# Silver screens what do you do



## wp1234 (Sep 29, 2009)

Do Rapido A Class owners have internal silver screens as well as external ones ?

When my Autotrail is parked up in the drive I put the internal screens up to avoid fading fabric etc , am I over doing it I wonder ?

I will definately buy external screens for my new Rapido to avoid condensation issues in the winter but is there such a thing as internal silver screens for an AClass

Advice welcome .


----------



## bognormike (May 10, 2005)

somebody was talking about screen covers for Hymer A class vans recently - have a look in the Hymer forum.....


----------



## Camdoon (Sep 21, 2012)

I ordered a Van Comfort external and despite saying it was universal Rapiod A class did not fit mine. They tried to bend over backwards to modify it but it was going to finish where the run off from my awning would have streaked down onto the fixings. Bought a Silver Screen. Reasonably easy to put on as you rest it on the bonnet then attach by the hab driver window followed by the passenger door. Don't believe you will find internals; they would have to fit round the blinds


----------



## wp1234 (Sep 29, 2009)

Camdoon said:


> I ordered a Van Comfort external and despite saying it was universal Rapiod A class did not fit mine. They tried to bend over backwards to modify it but it was going to finish where the run off from my awning would have streaked down onto the fixings. Bought a Silver Screen. Reasonably easy to put on as you rest it on the bonnet then attach by the hab driver window followed by the passenger door. Don't believe you will find internals; they would have to fit round the blinds


Thanks for the info

Do you put anything on the windows when parked up for a while ?


----------



## Camdoon (Sep 21, 2012)

Parked up for a while?

I would not use the external if not staying the night. If wild camping or not on a camp site (i.e. aire or motorway services) we do not use the external so if we are concerned about anything happening outside we can just pop the blinds and drive off without getting out the van. Otherwise we would tend to use the external (not if we arrived v late or it was raining).


----------



## Mrplodd (Mar 4, 2008)

I ALWAYS draw the internal blinds when parked on my drive, stops the upholstery fading!


----------



## rosalan (Aug 24, 2009)

If there is any risk of the sun getting at the fabric, it is a good idea to protect it from the suns rays. For this it does not matter too much whether you are using an interior or exterior screen. I suppose even an internal curtain or Remis blinds will do the same job. However, do not use the roller blinds for this purpose, they use built-in springs which will lose their tension if left for extended periods in a closed position.

Alan


----------



## RichardD (Sep 14, 2009)

I had Silver Screens on my Rapido A Class and they leaked through the passenger door. Perhaps you haven't had the right conditions yet, but they will leak especially as the roof seam join is right above where the screen goes over and in the door and the water from the roof is forced to run off the roof at this point as the seam fills the roof gutter.

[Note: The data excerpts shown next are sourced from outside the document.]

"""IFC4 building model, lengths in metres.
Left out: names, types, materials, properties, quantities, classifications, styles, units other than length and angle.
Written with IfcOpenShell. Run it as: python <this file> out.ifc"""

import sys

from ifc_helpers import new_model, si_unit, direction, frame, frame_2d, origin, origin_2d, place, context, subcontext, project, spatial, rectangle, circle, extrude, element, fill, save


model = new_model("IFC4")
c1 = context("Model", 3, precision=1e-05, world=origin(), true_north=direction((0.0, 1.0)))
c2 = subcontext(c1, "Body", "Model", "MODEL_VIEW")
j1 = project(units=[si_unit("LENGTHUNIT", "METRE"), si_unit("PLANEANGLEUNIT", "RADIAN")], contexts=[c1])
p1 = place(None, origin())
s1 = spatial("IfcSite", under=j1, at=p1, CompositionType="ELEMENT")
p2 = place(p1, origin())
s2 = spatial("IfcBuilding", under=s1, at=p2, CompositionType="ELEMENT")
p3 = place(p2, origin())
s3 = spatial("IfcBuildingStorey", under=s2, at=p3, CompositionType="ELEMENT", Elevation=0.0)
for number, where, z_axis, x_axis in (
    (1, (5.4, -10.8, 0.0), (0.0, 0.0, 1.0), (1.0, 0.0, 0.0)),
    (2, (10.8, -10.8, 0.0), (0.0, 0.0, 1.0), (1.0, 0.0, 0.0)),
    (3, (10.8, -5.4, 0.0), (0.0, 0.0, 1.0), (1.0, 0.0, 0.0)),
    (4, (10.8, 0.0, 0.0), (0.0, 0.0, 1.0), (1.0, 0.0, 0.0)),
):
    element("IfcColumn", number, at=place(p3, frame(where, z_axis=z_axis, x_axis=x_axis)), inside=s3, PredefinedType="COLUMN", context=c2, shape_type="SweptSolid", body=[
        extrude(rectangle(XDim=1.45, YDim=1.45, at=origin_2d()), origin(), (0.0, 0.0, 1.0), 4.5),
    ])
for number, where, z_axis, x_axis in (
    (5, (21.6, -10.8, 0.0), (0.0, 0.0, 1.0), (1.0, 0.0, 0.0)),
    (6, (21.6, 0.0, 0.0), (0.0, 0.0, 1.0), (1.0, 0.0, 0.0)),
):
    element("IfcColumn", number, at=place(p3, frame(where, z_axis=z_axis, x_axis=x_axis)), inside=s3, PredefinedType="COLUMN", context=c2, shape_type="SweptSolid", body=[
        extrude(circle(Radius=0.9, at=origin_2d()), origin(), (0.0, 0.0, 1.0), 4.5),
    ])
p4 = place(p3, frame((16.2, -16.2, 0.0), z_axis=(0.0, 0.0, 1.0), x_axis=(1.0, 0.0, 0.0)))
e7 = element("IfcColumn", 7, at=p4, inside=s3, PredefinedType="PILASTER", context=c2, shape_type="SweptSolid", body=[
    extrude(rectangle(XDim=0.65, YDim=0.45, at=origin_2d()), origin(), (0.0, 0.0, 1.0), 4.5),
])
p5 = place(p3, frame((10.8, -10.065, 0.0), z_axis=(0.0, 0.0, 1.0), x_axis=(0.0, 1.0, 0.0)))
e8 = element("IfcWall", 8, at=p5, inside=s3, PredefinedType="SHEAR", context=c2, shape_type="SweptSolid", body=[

The design is flawed as it compromises the door seals and allows water to enter. The Rapido A Class has an external door seal which is distorted by the screen when you attach it. The internal seal is also compromised as the screen bridges this gap allowing water in.

I did come up with what I thought was a good solution and spoke to Silver Screens about it who requested that I return the screens so they could have a look at them.

Over a week passed with nothing from them until I had a refund through the post. No explanation or anything! Rang them up but no one to talk to and never got a return call as promised.

They obviously realise that there is a problem, surprised that they are still selling Rapido external screens.

Richard


----------



## peejay (May 10, 2005)

I use a mixture of both depending on the conditions and have devised a set up that avoids the drivers door seal problem, its on a Hymer but should give you a few ideas for your Rapido, see....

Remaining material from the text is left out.